Au fil des saisons et des pages, le roman déploie ses ailes et se démultiplie : au quotidien partagé par les voisins qui se retrouvent le soir atour du poêle que Mirsad a offert à Zora se mêle le récit enchâssé de la légende du pont à seize arches qui, pour être achevé, exige d’emmurer une personne aimée. À cette mise en abîme des Sarajéviens emmurés dans leur ville se mêle l’histoire d’amour entre Mirsad et Zora. La passion aura le temps d’une saison. Avec la nouvelle année arrive la nouvelle inespérée que son gendre, au bénéfice d’un laisser-passer, peut l’exfiltrer de Sarajevo … cachée dans une caisse, comme la femme emmurée du conte du pont.

Mirsad ? Sarajevo ? « Ils ne se sont pas dit au revoir. Elle ne se souvient pas d’adieux. »

Notes

[1Signalons que l’atelier du peintre de Dobrivoje Beljkašić (1923-2015) a été détruit par deux fois dans un incendie : d’abord en 1957 à Morića Han à Baščaršija (centre historique ottoman de Sarajevo), puis en août 1992 dans l’incendie de la Vijećnica.
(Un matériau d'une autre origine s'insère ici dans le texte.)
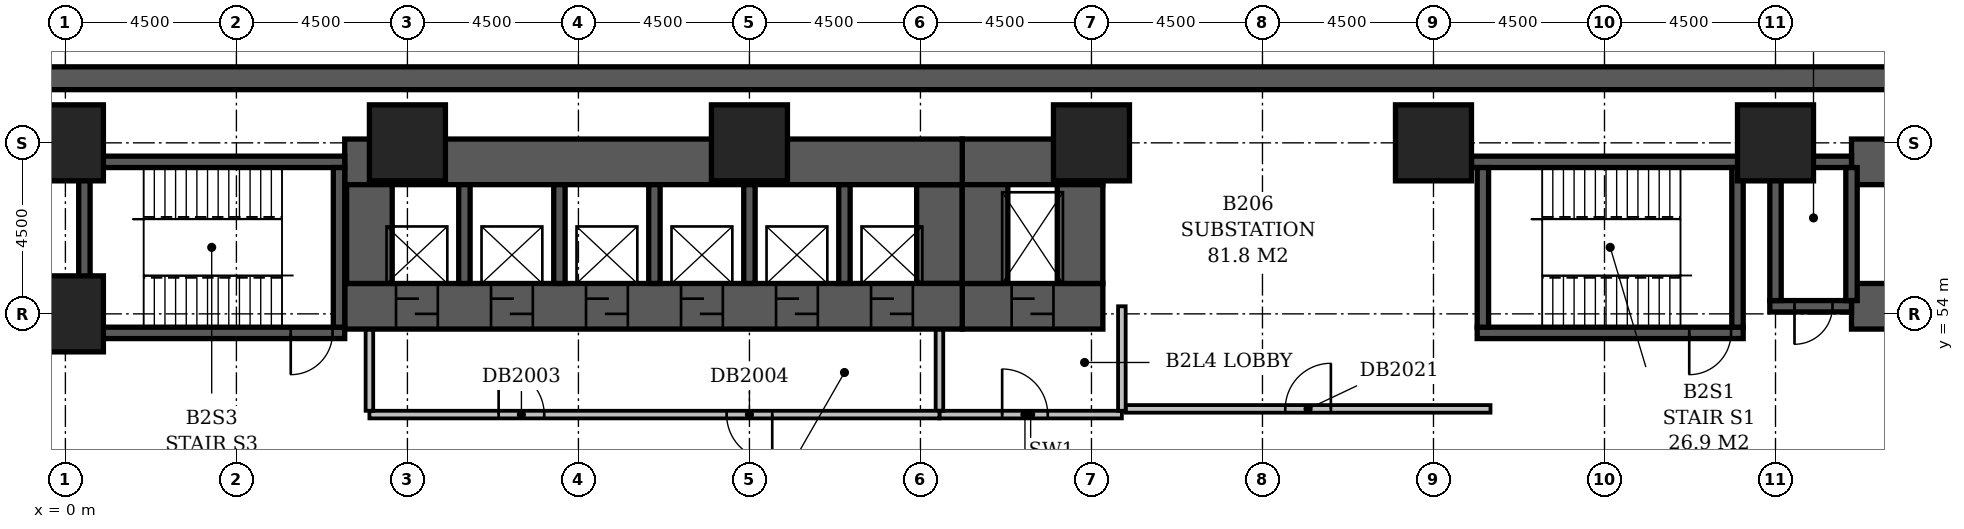
"""IFC4 building model, lengths in metres.
Left out: names, types, materials, properties, quantities, classifications, styles, units other than length and angle.
Written with IfcOpenShell. Run it as: python <this file> out.ifc"""

import sys

from ifc_helpers import new_model, si_unit, direction, frame, frame_2d, origin, origin_2d, place, context, subcontext, project, spatial, rectangle, extrude, element, fill, save


model = new_model("IFC4")
c1 = context("Model", 3, precision=1e-05, world=origin(), true_north=direction((0.0, 1.0)))
c2 = subcontext(c1, "Body", "Model", "MODEL_VIEW")
j1 = project(units=[si_unit("LENGTHUNIT", "METRE"), si_unit("PLANEANGLEUNIT", "RADIAN")], contexts=[c1])
p1 = place(None, origin())
s1 = spatial("IfcSite", under=j1, at=p1, CompositionType="ELEMENT")
p2 = place(p1, origin())
s2 = spatial("IfcBuilding", under=s1, at=p2, CompositionType="ELEMENT")
p3 = place(p2, frame((0.0, 0.0, -9.0)))
s3 = spatial("IfcBuildingStorey", under=s2, at=p3, CompositionType="ELEMENT", Elevation=-9.0)
for number, where, z_axis, x_axis in (
    (1, (0.0, 54.0, 0.0), (0.0, 0.0, 1.0), (1.0, 0.0, 0.0)),
    (2, (0.0, 58.5, 0.0), (0.0, 0.0, 1.0), (1.0, 0.0, 0.0)),
    (3, (9.0, 58.5, 0.0), (0.0, 0.0, 1.0), (1.0, 0.0, 0.0)),
    (4, (18.0, 58.5, 0.0), (0.0, 0.0, 1.0), (1.0, 0.0, 0.0)),
    (5, (27.0, 58.5, 0.0), (0.0, 0.0, 1.0), (1.0, 0.0, 0.0)),
    (6, (36.0, 58.5, 0.0), (0.0, 0.0, 1.0), (1.0, 0.0, 0.0)),
    (7, (45.0, 58.5, 0.0), (0.0, 0.0, 1.0), (1.0, 0.0, 0.0)),
):
    element("IfcColumn", number, at=place(p3, frame(where, z_axis=z_axis, x_axis=x_axis)), inside=s3, PredefinedType="COLUMN", context=c2, shape_type="SweptSolid", body=[
        extrude(rectangle(XDim=2.0, YDim=2.0, at=origin_2d()), origin(), (0.0, 0.0, 1.0), 4.1),
    ])
p4 = place(p3, frame((-2.0, 60.2, 0.0), z_axis=(0.0, 0.0, 1.0), x_axis=(1.0, 0.0, 0.0)))
e8 = element("IfcWall", 8, at=p4, inside=s3, PredefinedType="SOLIDWALL", context=c2, shape_type="SweptSolid", body=[
    extrude(rectangle(XDim=71.5, YDim=0.6, at=frame_2d((35.75, 0.0))), origin(), (0.0, 0.0, 1.0), 4.1),
])
p5 = place(p3, frame((0.35, 53.5, 0.0), z_axis=(0.0, 0.0, 1.0), x_axis=(1.0, 0.0, 0.0)))
e9 = element("IfcWall", 9, at=p5, inside=s3, PredefinedType="SHEAR", context=c2, shape_type="SweptSolid", body=[
    extrude(rectangle(XDim=7.0, YDim=0.3, at=frame_2d((3.5, 0.0))), origin(), (0.0, 0.0, 1.0), 4.1),
])
p6 = place(p5, frame((5.58, 0.0, 0.0)))
e10 = element("IfcOpeningElement", 10, at=p6, cuts=e9, PredefinedType="OPENING", context=c2, shape_type="SweptSolid", body=[
    extrude(rectangle(XDim=1.1, YDim=2.1, at=frame_2d((0.55, 1.05))), frame((0.0, 0.162, 0.0), z_axis=(0.0, -1.0, 0.0), x_axis=(1.0, 0.0, 0.0)), (0.0, 0.0, 1.0), 0.324),
])
p7 = place(p3, frame((37.15, 53.5, 0.0), z_axis=(0.0, 0.0, 1.0), x_axis=(1.0, 0.0, 0.0)))
e11 = element("IfcWall", 11, at=p7, inside=s3, PredefinedType="SHEAR", context=c2, shape_type="SweptSolid", body=[
    extrude(rectangle(XDim=7.0, YDim=0.3, at=frame_2d((3.5, 0.0))), origin(), (0.0, 0.0, 1.0), 4.1),
])
p8 = place(p7, frame((5.58, 0.0, 0.0)))
e12 = element("IfcOpeningElement", 12, at=p8, cuts=e11, PredefinedType="OPENING", context=c2, shape_type="SweptSolid", body=[
    extrude(rectangle(XDim=1.1, YDim=2.1, at=frame_2d((0.55, 1.05))), frame((0.0, 0.162, 0.0), z_axis=(0.0, -1.0, 0.0), x_axis=(1.0, 0.0, 0.0)), (0.0, 0.0, 1.0), 0.324),
])
p9 = place(p3, frame((7.35, 54.2, 0.0), z_axis=(0.0, 0.0, 1.0), x_axis=(1.0, 0.0, 0.0)))
e13 = element("IfcWall", 13, at=p9, inside=s3, PredefinedType="SHEAR", context=c2, shape_type="SweptSolid", body=[
    extrude(rectangle(XDim=16.25, YDim=1.2, at=frame_2d((8.125, 0.0))), origin(), (0.0, 0.0, 1.0), 4.1),
])
p10 = place(p9, frame((1.35, 0.0, 0.0)))
e14 = element("IfcOpeningElement", 14, at=p10, cuts=e13, PredefinedType="OPENING", context=c2, shape_type="SweptSolid", body=[
    extrude(rectangle(XDim=1.1, YDim=2.1, at=frame_2d((0.55, 1.05))), frame((0.0, 0.612, 0.0), z_axis=(0.0, -1.0, 0.0), x_axis=(1.0, 0.0, 0.0)), (0.0, 0.0, 1.0), 1.224),
])
p11 = place(p9, frame((3.85, 0.0, 0.0)))
e15 = element("IfcOpeningElement", 15, at=p11, cuts=e13, PredefinedType="OPENING", context=c2, shape_type="SweptSolid", body=[
    extrude(rectangle(XDim=1.1, YDim=2.1, at=frame_2d((0.55, 1.05))), frame((0.0, 0.612, 0.0), z_axis=(0.0, -1.0, 0.0), x_axis=(1.0, 0.0, 0.0)), (0.0, 0.0, 1.0), 1.224),
])
p12 = place(p9, frame((6.35, 0.0, 0.0)))
e16 = element("IfcOpeningElement", 16, at=p12, cuts=e13, PredefinedType="OPENING", context=c2, shape_type="SweptSolid", body=[
    extrude(rectangle(XDim=1.1, YDim=2.1, at=frame_2d((0.55, 1.05))), frame((0.0, 0.612, 0.0), z_axis=(0.0, -1.0, 0.0), x_axis=(1.0, 0.0, 0.0)), (0.0, 0.0, 1.0), 1.224),
])
p13 = place(p9, frame((8.85, 0.0, 0.0)))
e17 = element("IfcOpeningElement", 17, at=p13, cuts=e13, PredefinedType="OPENING", context=c2, shape_type="SweptSolid", body=[
    extrude(rectangle(XDim=1.1, YDim=2.1, at=frame_2d((0.55, 1.05))), frame((0.0, 0.612, 0.0), z_axis=(0.0, -1.0, 0.0), x_axis=(1.0, 0.0, 0.0)), (0.0, 0.0, 1.0), 1.224),
])
p14 = place(p9, frame((11.35, 0.0, 0.0)))
e18 = element("IfcOpeningElement", 18, at=p14, cuts=e13, PredefinedType="OPENING", context=c2, shape_type="SweptSolid", body=[
    extrude(rectangle(XDim=1.1, YDim=2.1, at=frame_2d((0.55, 1.05))), frame((0.0, 0.612, 0.0), z_axis=(0.0, -1.0, 0.0), x_axis=(1.0, 0.0, 0.0)), (0.0, 0.0, 1.0), 1.224),
])
p15 = place(p9, frame((13.85, 0.0, 0.0)))
e19 = element("IfcOpeningElement", 19, at=p15, cuts=e13, PredefinedType="OPENING", context=c2, shape_type="SweptSolid", body=[
    extrude(rectangle(XDim=1.1, YDim=2.1, at=frame_2d((0.55, 1.05))), frame((0.0, 0.612, 0.0), z_axis=(0.0, -1.0, 0.0), x_axis=(1.0, 0.0, 0.0)), (0.0, 0.0, 1.0), 1.224),
])
p16 = place(p3, frame((23.6, 54.2, 0.0), z_axis=(0.0, 0.0, 1.0), x_axis=(1.0, 0.0, 0.0)))
e20 = element("IfcWall", 20, at=p16, inside=s3, PredefinedType="SHEAR", context=c2, shape_type="SweptSolid", body=[
    extrude(rectangle(XDim=3.7, YDim=1.2, at=frame_2d((1.85, 0.0))), origin(), (0.0, 0.0, 1.0), 4.1),
])
p17 = place(p16, frame((1.3, 0.0, 0.0)))
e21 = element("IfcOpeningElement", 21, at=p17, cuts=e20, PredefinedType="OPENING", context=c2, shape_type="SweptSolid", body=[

Site internet https://dobrivoje-beljkasic.com.

[2Lire le texte magnifique de la poétesse sarajévienne Ferida Duraković, « Po našim glavama još padaju knjige u prahu », Kao kiša u japanskim filmovima, Sarajevo, Dobra knjiga BiH, 2018 (texte de 2011). Signalons encore le livre exceptionnel du photographe Almin Zrno, Vijećnica, Sarajevo, 2014 qui documente les expositions à la Vijećnica de Jannis Kounellis (« Sarajevo : the Doors by Jannis Kounellis », 2004), Edo Murtić (« When Words Fail », 2008), et Braco Dimitrijević (« Sailing into Post History », 2010) avant que la rénovation de celle-ci ne soit terminée.